The Ritz-Carlton Philadelphia is a luxury hotel and residential complex in Center City, Philadelphia, Pennsylvania, United States. It comprises three adjoining buildings: the Girard Trust Bank, at the northwest corner of South Broad & Chestnut Streets; the Girard Trust Building, at the southwest corner of South Broad Street & South Penn Square; and The Residences at the Ritz Carlton, at 1414 South Penn Square.

Girard Trust Company

Girard Trust Company – also known as Girard Trust Corn Exchange Bank Building – was built as the headquarters and main branch of the Girard Trust Company, a company founded in 1811. The Beaux Arts building was inspired by the Pantheon in Rome, and was conceived by architect Frank Furness. The commission was shared between the Philadelphia firm of Furness, Evans & Company and the New York firm of McKim, Mead & White. The building was begun in 1905 and completed in 1907.

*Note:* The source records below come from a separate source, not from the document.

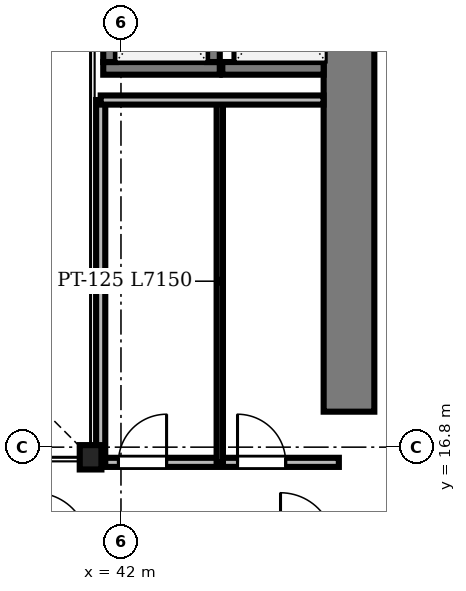
"""IFC4 building model, lengths in metres.
Left out: names, types, materials, properties, quantities, classifications, styles, units other than length and angle.
Written with IfcOpenShell. Run it as: python <this file> out.ifc"""

import sys

from ifc_helpers import new_model, si_unit, direction, frame, frame_2d, origin, origin_2d, place, context, subcontext, project, spatial, rectangle, i_section, extrude, source, transform, mapped, element, fill, save


model = new_model("IFC4")
c1 = context("Model", 3, precision=1e-05, world=origin(), true_north=direction((0.0, 1.0)))
c2 = subcontext(c1, "Body", "Model", "MODEL_VIEW")
j1 = project(units=[si_unit("LENGTHUNIT", "METRE"), si_unit("PLANEANGLEUNIT", "RADIAN")], contexts=[c1])
p1 = place(None, origin())
s1 = spatial("IfcSite", under=j1, at=p1, CompositionType="ELEMENT")
p2 = place(p1, origin())
s2 = spatial("IfcBuilding", under=s1, at=p2, CompositionType="ELEMENT")
p3 = place(p2, frame((0.0, 0.0, 56.8)))
s3 = spatial("IfcBuildingStorey", under=s2, at=p3, CompositionType="ELEMENT", Elevation=56.8)
m1 = source(origin(), c2, "Body", "SweptSolid", [
    extrude(rectangle(XDim=13.15, YDim=1.0, at=frame_2d((6.575, 0.0))), origin(), (0.0, 0.0, 1.0), 3.41),
])
p4 = place(p3, frame((46.5, 17.5, 0.0), z_axis=(0.0, 0.0, 1.0), x_axis=(0.0, 1.0, 0.0)))
e1 = element("IfcWall", 1, at=p4, inside=s3, PredefinedType="SHEAR", context=c2, shape_type="MappedRepresentation", body=[
    mapped(m1, transform((0.0, 0.0, 0.0), scale=1.0)),
])
m2 = source(origin(), c2, "Body", "SweptSolid", [
    extrude(i_section(OverallWidth=0.428, OverallDepth=0.481, WebThickness=0.04, FlangeThickness=0.063, FilletRadius=0.015, at=origin_2d()), origin(), (0.0, 0.0, 1.0), 3.41),
])
p5 = place(p3, frame((41.4, 16.6, 0.0), z_axis=(0.0, 0.0, 1.0), x_axis=(1.0, 0.0, 0.0)))
e2 = element("IfcColumn", 2, at=p5, inside=s3, PredefinedType="COLUMN", context=c2, shape_type="MappedRepresentation", body=[
    mapped(m2, transform((0.0, 0.0, 0.0), scale=1.0)),
])
m3 = source(origin(), c2, "Body", "SweptSolid", [
    extrude(rectangle(XDim=2.3, YDim=0.25, at=frame_2d((1.15, 0.0))), origin(), (0.0, 0.0, 1.0), 3.41),
])
for number, where, z_axis, x_axis in (
    (3, (41.65, 24.275, 0.0), (0.0, 0.0, 1.0), (1.0, 0.0, 0.0)),
    (4, (41.775, 24.4, 0.0), (0.0, 0.0, 1.0), (0.0, 1.0, 0.0)),
    (5, (43.825, 24.4, 0.0), (0.0, 0.0, 1.0), (0.0, 1.0, 0.0)),
):
    element("IfcWall", number, at=place(p3, frame(where, z_axis=z_axis, x_axis=x_axis)), inside=s3, PredefinedType="SOLIDWALL", context=c2, shape_type="MappedRepresentation", body=[
        mapped(m3, transform((0.0, 0.0, 0.0), scale=1.0)),
    ])
m4 = source(origin(), c2, "Body", "SweptSolid", [
    extrude(rectangle(XDim=2.0, YDim=0.25, at=frame_2d((1.0, 0.0))), origin(), (0.0, 0.0, 1.0), 3.41),
])
p6 = place(p3, frame((44.0, 24.275, 0.0), z_axis=(0.0, 0.0, 1.0), x_axis=(1.0, 0.0, 0.0)))
e6 = element("IfcWall", 6, at=p6, inside=s3, PredefinedType="SOLIDWALL", context=c2, shape_type="MappedRepresentation", body=[
    mapped(m4, transform((0.0, 0.0, 0.0), scale=1.0)),
])
m5 = source(origin(), c2, "Body", "SweptSolid", [
    extrude(rectangle(XDim=4.7, YDim=0.18, at=frame_2d((2.35, 0.0))), origin(), (0.0, 0.0, 1.0), 2.802),
])
p7 = place(p3, frame((41.6, 16.5, 0.0), z_axis=(0.0, 0.0, 1.0), x_axis=(1.0, 0.0, 0.0)))
e7 = element("IfcWall", 7, at=p7, inside=s3, PredefinedType="PARTITIONING", context=c2, shape_type="MappedRepresentation", body=[
    mapped(m5, transform((0.0, 0.0, 0.0), scale=1.0)),
])
m6 = source(origin(), c2, "Body", "SweptSolid", [
    extrude(rectangle(XDim=0.95, YDim=2.15, at=frame_2d((0.475, 1.075))), frame((0.0, 0.1, 0.0), z_axis=(0.0, -1.0, 0.0), x_axis=(1.0, 0.0, 0.0)), (0.0, 0.0, 1.0), 0.2),
])
p8 = place(p7, frame((0.35, 0.0, 0.0)))
e8 = element("IfcOpeningElement", 8, at=p8, cuts=e7, PredefinedType="OPENING", context=c2, shape_type="MappedRepresentation", body=[
    mapped(m6, transform((0.0, 0.0, 0.0), scale=1.0)),
])
p9 = place(p7, frame((2.7, 0.0, 0.0)))
e9 = element("IfcOpeningElement", 9, at=p9, cuts=e7, PredefinedType="OPENING", context=c2, shape_type="MappedRepresentation", body=[
    mapped(m6, transform((0.0, 0.0, 0.0), scale=1.0)),
])
m7 = source(origin(), c2, "Body", "SweptSolid", [
    extrude(rectangle(XDim=7.15, YDim=0.18, at=frame_2d((3.575, 0.0))), origin(), (0.0, 0.0, 1.0), 2.802),
])
p10 = place(p3, frame((41.6, 16.5, 0.0), z_axis=(0.0, 0.0, 1.0), x_axis=(0.0, 1.0, 0.0)))
e10 = element("IfcWall", 10, at=p10, inside=s3, PredefinedType="PARTITIONING", context=c2, shape_type="MappedRepresentation", body=[
    mapped(m7, transform((0.0, 0.0, 0.0), scale=1.0)),
])
m8 = source(origin(), c2, "Body", "SweptSolid", [
    extrude(rectangle(XDim=7.15, YDim=0.125, at=frame_2d((3.575, 0.0))), origin(), (0.0, 0.0, 1.0), 2.802),
])
p11 = place(p3, frame((43.95, 16.5, 0.0), z_axis=(0.0, 0.0, 1.0), x_axis=(0.0, 1.0, 0.0)))
e11 = element("IfcWall", 11, at=p11, inside=s3, PredefinedType="PARTITIONING", context=c2, shape_type="MappedRepresentation", body=[
    mapped(m8, transform((0.0, 0.0, 0.0), scale=1.0)),
])
m9 = source(origin(), c2, "Body", "SweptSolid", [
    extrude(rectangle(XDim=4.398, YDim=0.18, at=frame_2d((2.199, 0.0))), origin(), (0.0, 0.0, 1.0), 3.41),
])
p12 = place(p3, frame((41.6, 23.65, 0.0), z_axis=(0.0, 0.0, 1.0), x_axis=(1.0, 0.0, 0.0)))
e12 = element("IfcWall", 12, at=p12, inside=s3, PredefinedType="PARTITIONING", context=c2, shape_type="MappedRepresentation", body=[
    mapped(m9, transform((0.0, 0.0, 0.0), scale=1.0)),
])
m10 = source(origin(), c2, "Body", "SweptSolid", [
    extrude(rectangle(XDim=0.95, YDim=2.15, at=frame_2d((0.475, 1.075))), frame((0.0, 0.025, 0.0), z_axis=(0.0, -1.0, 0.0), x_axis=(1.0, 0.0, 0.0)), (0.0, 0.0, 1.0), 0.05),
])
p13 = place(p8, origin())
e13 = element("IfcDoor", 13, at=p13, inside=s3, OperationType="SINGLE_SWING_RIGHT", PredefinedType="DOOR", context=c2, shape_type="MappedRepresentation", body=[
    mapped(m10, transform((0.0, 0.0, 0.0), scale=1.0)),
])
fill(e8, e13)
p14 = place(p9, origin())
e14 = element("IfcDoor", 14, at=p14, inside=s3, OperationType="SINGLE_SWING_LEFT", PredefinedType="DOOR", context=c2, shape_type="MappedRepresentation", body=[
    mapped(m10, transform((0.0, 0.0, 0.0), scale=1.0)),
])
fill(e9, e14)
save(model, sys.argv[1])
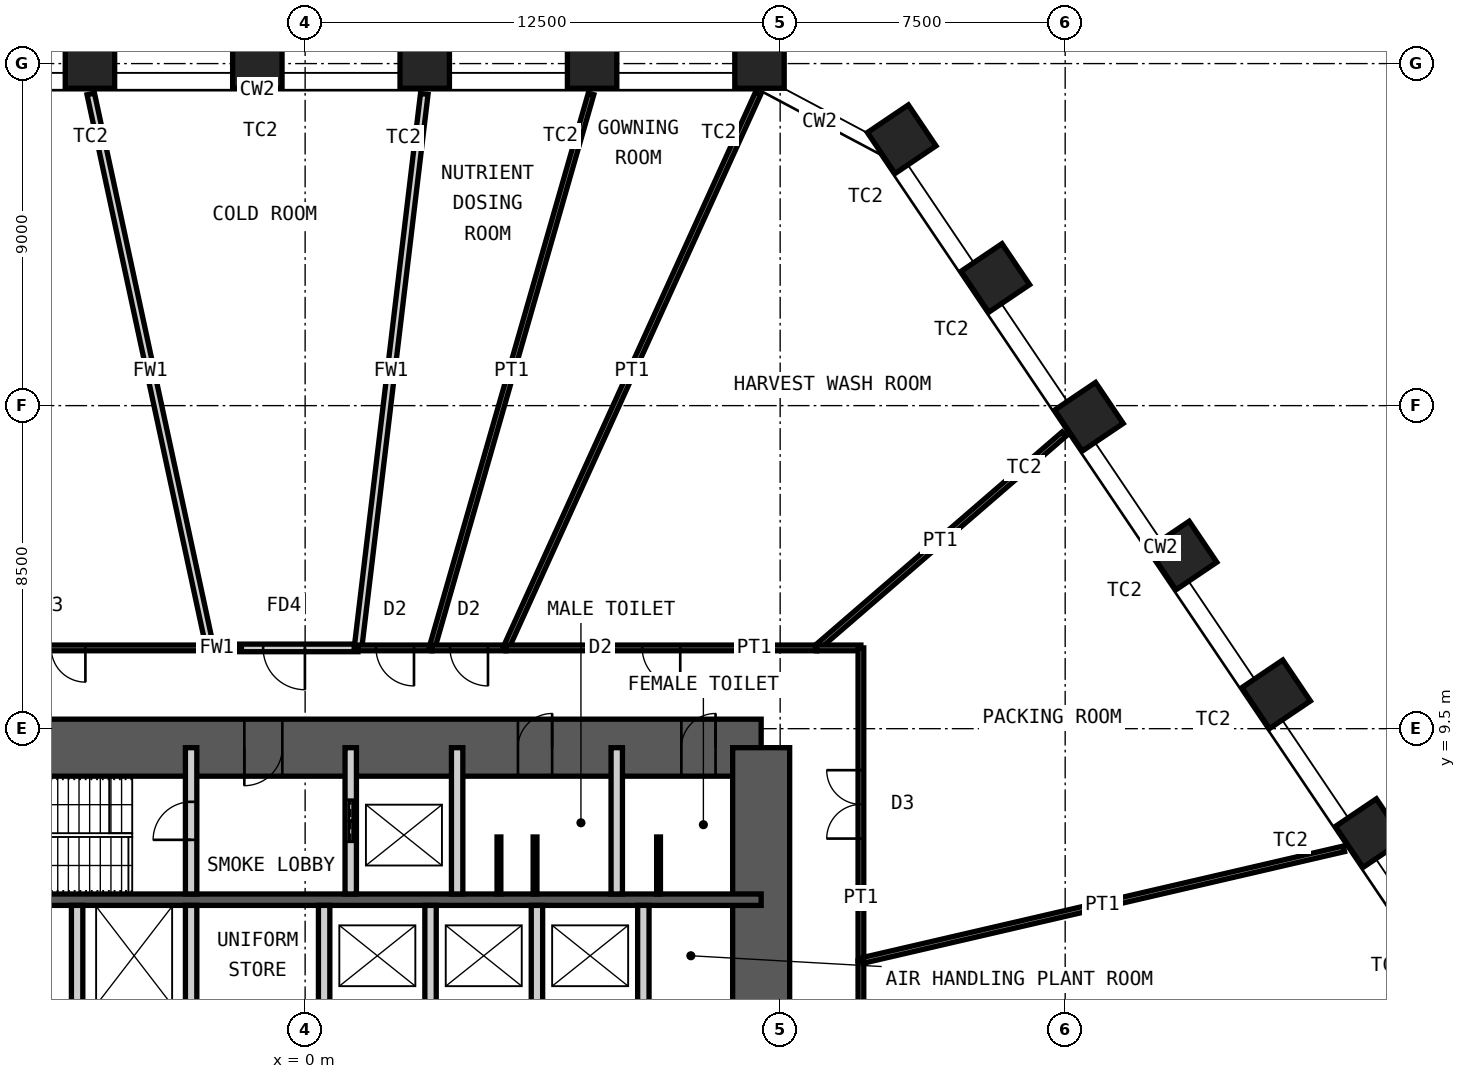
"""IFC4 building model, lengths in metres.
Left out: names, types, materials, properties, quantities, classifications, styles, units other than length and angle.
Written with IfcOpenShell. Run it as: python <this file> out.ifc"""

import sys

from ifc_helpers import new_model, si_unit, direction, frame, frame_2d, origin, origin_2d, place, context, subcontext, project, spatial, rectangle, hollow_rectangle, extrude, element, fill, save


model = new_model("IFC4")
c1 = context("Model", 3, precision=1e-05, world=origin(), true_north=direction((0.0, 1.0)))
c2 = subcontext(c1, "Body", "Model", "MODEL_VIEW")
j1 = project(units=[si_unit("LENGTHUNIT", "METRE"), si_unit("PLANEANGLEUNIT", "RADIAN")], contexts=[c1])
p1 = place(None, origin())
s1 = spatial("IfcSite", under=j1, at=p1, CompositionType="ELEMENT")
p2 = place(p1, origin())
s2 = spatial("IfcBuilding", under=s1, at=p2, CompositionType="ELEMENT")
p3 = place(p2, frame((0.0, 0.0, 72.0)))
s3 = spatial("IfcBuildingStorey", under=s2, at=p3, CompositionType="ELEMENT", Elevation=72.0)
for number, where, z_axis, x_axis in (
    (1, (-5.662, 27.0, 0.0), (0.0, 0.0, 1.0), (-1.0, 0.0, 0.0)),
    (2, (-1.258, 27.0, 0.0), (0.0, 0.0, 1.0), (-1.0, 0.0, 0.0)),
    (3, (3.147, 27.0, 0.0), (0.0, 0.0, 1.0), (-1.0, 0.0, 0.0)),
    (4, (7.552, 27.0, 0.0), (0.0, 0.0, 1.0), (-1.0, 0.0, 0.0)),
    (5, (11.956, 27.0, 0.0), (0.0, 0.0, 1.0), (-1.0, 0.0, 0.0)),
    (6, (15.698, 25.01, 0.0), (0.0, 0.0, 1.0), (-0.559, 0.829, 0.0)),
    (7, (18.161, 21.359, 0.0), (0.0, 0.0, 1.0), (-0.559, 0.829, 0.0)),
    (8, (20.624, 17.707, 0.0), (0.0, 0.0, 1.0), (-0.559, 0.829, 0.0)),
    (9, (23.087, 14.056, 0.0), (0.0, 0.0, 1.0), (-0.559, 0.829, 0.0)),
    (10, (25.55, 10.404, 0.0), (0.0, 0.0, 1.0), (-0.559, 0.829, 0.0)),
    (11, (28.013, 6.752, 0.0), (0.0, 0.0, 1.0), (-0.559, 0.829, 0.0)),
):
    element("IfcColumn", number, at=place(p3, frame(where, z_axis=z_axis, x_axis=x_axis)), inside=s3, PredefinedType="COLUMN", context=c2, shape_type="SweptSolid", body=[
        extrude(hollow_rectangle(XDim=1.3, YDim=1.3, WallThickness=0.1, at=origin_2d()), origin(), (0.0, 0.0, 1.0), 5.0),
    ])
p4 = place(p3, frame((-12.0, 9.0, 0.0), z_axis=(0.0, 0.0, 1.0), x_axis=(1.0, 0.0, 0.0)))
e12 = element("IfcWall", 12, at=p4, inside=s3, PredefinedType="SHEAR", context=c2, shape_type="SweptSolid", body=[
    extrude(rectangle(XDim=24.0, YDim=1.5, at=frame_2d((12.0, 0.0))), origin(), (0.0, 0.0, 1.0), 5.0),
])
p5 = place(p4, frame((10.4, 0.0, 0.0)))
e13 = element("IfcOpeningElement", 13, at=p5, cuts=e12, PredefinedType="OPENING", context=c2, shape_type="SweptSolid", body=[
    extrude(rectangle(XDim=1.0, YDim=2.1, at=frame_2d((0.5, 1.05))), frame((0.0, 0.76, 0.0), z_axis=(0.0, -1.0, 0.0), x_axis=(1.0, 0.0, 0.0)), (0.0, 0.0, 1.0), 1.52),
])
p6 = place(p4, frame((17.6, 0.0, 0.0)))
e14 = element("IfcOpeningElement", 14, at=p6, cuts=e12, PredefinedType="OPENING", context=c2, shape_type="SweptSolid", body=[
    extrude(rectangle(XDim=0.9, YDim=2.1, at=frame_2d((0.45, 1.05))), frame((0.0, 0.76, 0.0), z_axis=(0.0, -1.0, 0.0), x_axis=(1.0, 0.0, 0.0)), (0.0, 0.0, 1.0), 1.52),
])
p7 = place(p4, frame((21.9, 0.0, 0.0)))
e15 = element("IfcOpeningElement", 15, at=p7, cuts=e12, PredefinedType="OPENING", context=c2, shape_type="SweptSolid", body=[
    extrude(rectangle(XDim=0.9, YDim=2.1, at=frame_2d((0.45, 1.05))), frame((0.0, 0.76, 0.0), z_axis=(0.0, -1.0, 0.0), x_axis=(1.0, 0.0, 0.0)), (0.0, 0.0, 1.0), 1.52),
])
p8 = place(p3, frame((12.0, -9.0, 0.0), z_axis=(0.0, 0.0, 1.0), x_axis=(0.0, 1.0, 0.0)))
e16 = element("IfcWall", 16, at=p8, inside=s3, PredefinedType="SHEAR", context=c2, shape_type="SweptSolid", body=[
    extrude(rectangle(XDim=18.0, YDim=1.5, at=frame_2d((9.0, 0.0))), origin(), (0.0, 0.0, 1.0), 5.0),
])
p9 = place(p8, frame((8.1, 0.0, 0.0)))
e17 = element("IfcOpeningElement", 17, at=p9, cuts=e16, PredefinedType="OPENING", context=c2, shape_type="SweptSolid", body=[
    extrude(rectangle(XDim=1.8, YDim=2.1, at=frame_2d((0.9, 1.05))), frame((0.0, 0.76, 0.0), z_axis=(0.0, -1.0, 0.0), x_axis=(1.0, 0.0, 0.0)), (0.0, 0.0, 1.0), 1.52),
])
p10 = place(p3, frame((-12.0, 5.0, 0.0), z_axis=(0.0, 0.0, 1.0), x_axis=(1.0, 0.0, 0.0)))
e18 = element("IfcWall", 18, at=p10, inside=s3, PredefinedType="SHEAR", context=c2, shape_type="SweptSolid", body=[
    extrude(rectangle(XDim=24.0, YDim=0.3, at=frame_2d((12.0, 0.0))), origin(), (0.0, 0.0, 1.0), 5.0),
])
p11 = place(p3, frame((-3.0, 5.15, 0.0), z_axis=(0.0, 0.0, 1.0), x_axis=(0.0, 1.0, 0.0)))
e19 = element("IfcWall", 19, at=p11, inside=s3, PredefinedType="PARTITIONING", context=c2, shape_type="SweptSolid", body=[
    extrude(rectangle(XDim=3.85, YDim=0.3, at=frame_2d((1.925, 0.0))), origin(), (0.0, 0.0, 1.0), 4.78),
])
p12 = place(p11, frame((1.425, 0.0, 0.0)))
e20 = element("IfcOpeningElement", 20, at=p12, cuts=e19, PredefinedType="OPENING", context=c2, shape_type="SweptSolid", body=[
    extrude(rectangle(XDim=1.0, YDim=2.1, at=frame_2d((0.5, 1.05))), frame((0.0, 0.16, 0.0), z_axis=(0.0, -1.0, 0.0), x_axis=(1.0, 0.0, 0.0)), (0.0, 0.0, 1.0), 0.32),
])
p13 = place(p3, frame((1.2, 5.15, 0.0), z_axis=(0.0, 0.0, 1.0), x_axis=(0.0, 1.0, 0.0)))
e21 = element("IfcWall", 21, at=p13, inside=s3, PredefinedType="PARTITIONING", context=c2, shape_type="SweptSolid", body=[
    extrude(rectangle(XDim=3.85, YDim=0.3, at=frame_2d((1.925, 0.0))), origin(), (0.0, 0.0, 1.0), 4.78),
])
p14 = place(p13, frame((1.375, 0.0, 0.0)))
e22 = element("IfcOpeningElement", 22, at=p14, cuts=e21, PredefinedType="OPENING", context=c2, shape_type="SweptSolid", body=[
    extrude(rectangle(XDim=1.1, YDim=2.4, at=frame_2d((0.55, 1.2))), frame((0.0, 0.16, 0.0), z_axis=(0.0, -1.0, 0.0), x_axis=(1.0, 0.0, 0.0)), (0.0, 0.0, 1.0), 0.32),
])
for number, where, z_axis, x_axis in (
    (23, (4.0, 5.15, 0.0), (0.0, 0.0, 1.0), (0.0, 1.0, 0.0)),
    (24, (8.2, 5.15, 0.0), (0.0, 0.0, 1.0), (0.0, 1.0, 0.0)),
):
    element("IfcWall", number, at=place(p3, frame(where, z_axis=z_axis, x_axis=x_axis)), inside=s3, PredefinedType="PARTITIONING", context=c2, shape_type="SweptSolid", body=[
        extrude(rectangle(XDim=3.85, YDim=0.3, at=frame_2d((1.925, 0.0))), origin(), (0.0, 0.0, 1.0), 4.78),
    ])
for number, where, z_axis, x_axis in (
    (25, (-6.0, 2.2, 0.0), (0.0, 0.0, 1.0), (0.0, 1.0, 0.0)),
    (26, (-3.0, 2.2, 0.0), (0.0, 0.0, 1.0), (0.0, 1.0, 0.0)),
    (27, (0.5, 2.2, 0.0), (0.0, 0.0, 1.0), (0.0, 1.0, 0.0)),
    (28, (3.3, 2.2, 0.0), (0.0, 0.0, 1.0), (0.0, 1.0, 0.0)),
    (29, (6.1, 2.2, 0.0), (0.0, 0.0, 1.0), (0.0, 1.0, 0.0)),
    (30, (8.9, 2.2, 0.0), (0.0, 0.0, 1.0), (0.0, 1.0, 0.0)),
):
    element("IfcWall", number, at=place(p3, frame(where, z_axis=z_axis, x_axis=x_axis)), inside=s3, PredefinedType="PARTITIONING", context=c2, shape_type="SweptSolid", body=[
        extrude(rectangle(XDim=2.65, YDim=0.3, at=frame_2d((1.325, 0.0))), origin(), (0.0, 0.0, 1.0), 4.78),
    ])
for number, where, z_axis, x_axis in (
    (31, (5.1, 5.15, 0.0), (0.0, 0.0, 1.0), (0.0, 1.0, 0.0)),
    (32, (6.05, 5.15, 0.0), (0.0, 0.0, 1.0), (0.0, 1.0, 0.0)),
    (33, (9.3, 5.15, 0.0), (0.0, 0.0, 1.0), (0.0, 1.0, 0.0)),
):
    element("IfcWall", number, at=place(p3, frame(where, z_axis=z_axis, x_axis=x_axis)), inside=s3, PredefinedType="PARTITIONING", context=c2, shape_type="SweptSolid", body=[
        extrude(rectangle(XDim=1.5, YDim=0.1, at=frame_2d((0.75, 0.0))), origin(), (0.0, 0.0, 1.0), 2.1),
    ])
p15 = place(p3, frame((-10.861, 11.625, 0.0), z_axis=(0.0, 0.0, 1.0), x_axis=(1.0, 0.0, 0.0)))
e34 = element("IfcWall", 34, at=p15, inside=s3, PredefinedType="PARTITIONING", context=c2, shape_type="SweptSolid", body=[
    extrude(rectangle(XDim=8.359, YDim=0.15, at=frame_2d((4.179, 0.0))), origin(), (0.0, 0.0, 1.0), 4.8),
])
p16 = place(p15, frame((3.279, 0.0, 0.0)))
e35 = element("IfcOpeningElement", 35, at=p16, cuts=e34, PredefinedType="OPENING", context=c2, shape_type="SweptSolid", body=[
    extrude(rectangle(XDim=1.8, YDim=2.4, at=frame_2d((0.9, 1.2))), frame((0.0, 0.085, 0.0), z_axis=(0.0, -1.0, 0.0), x_axis=(1.0, 0.0, 0.0)), (0.0, 0.0, 1.0), 0.17),
])
p17 = place(p3, frame((-5.641, 26.202, 0.0), z_axis=(0.0, 0.0, 1.0), x_axis=(0.210474950898, -0.977599250738, 0.0)))
e36 = element("IfcWall", 36, at=p17, inside=s3, PredefinedType="PARTITIONING", context=c2, shape_type="SweptSolid", body=[
    extrude(rectangle(XDim=14.911, YDim=0.2, at=frame_2d((7.456, 0.0))), origin(), (0.0, 0.0, 1.0), 3.7),
])
p18 = place(p3, frame((-2.503, 11.625, 0.0), z_axis=(0.0, 0.0, 1.0), x_axis=(1.0, 0.0, 0.0)))
e37 = element("IfcWall", 37, at=p18, inside=s3, PredefinedType="PARTITIONING", context=c2, shape_type="SweptSolid", body=[
    extrude(rectangle(XDim=3.894, YDim=0.2, at=frame_2d((1.947, 0.0))), origin(), (0.0, 0.0, 1.0), 4.8),
])
p19 = place(p18, frame((1.397, 0.0, 0.0)))
e38 = element("IfcOpeningElement", 38, at=p19, cuts=e37, PredefinedType="OPENING", context=c2, shape_type="SweptSolid", body=[
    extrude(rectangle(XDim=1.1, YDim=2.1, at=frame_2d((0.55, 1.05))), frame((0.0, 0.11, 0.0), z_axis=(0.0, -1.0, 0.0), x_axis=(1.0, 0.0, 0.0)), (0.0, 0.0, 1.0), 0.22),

While its masonry dome is hemispherical on the exterior, the interior is octagonal. The soaring, 4-story Main Banking Room is used as the hotel's restaurant and ballroom.

Girard Trust Building
Girard Trust Building – also known as Girard Trust Company Office Building – is a 394 feet (120-meter) 30-story skyscraper facing City Hall. It was designed by  McKim, Mead & White, and built as an office building in 1930-31. It was later renamed Two Mellon Plaza. The adjacent One Meridian Plaza (built 1972, damaged by a major fire 1991, demolished 1999) was connected to this building. Shortly after One Meridian Plaza's demolition, the building was converted in 2000 into a 330-room Ritz-Carlton hotel. Responsible for the building's conversion are James Garrison and Dr. George C. Skarmeas.

The building is located on the site formerly occupied by the West End Trust Building (1898-1928) by Furness, Evans & Company.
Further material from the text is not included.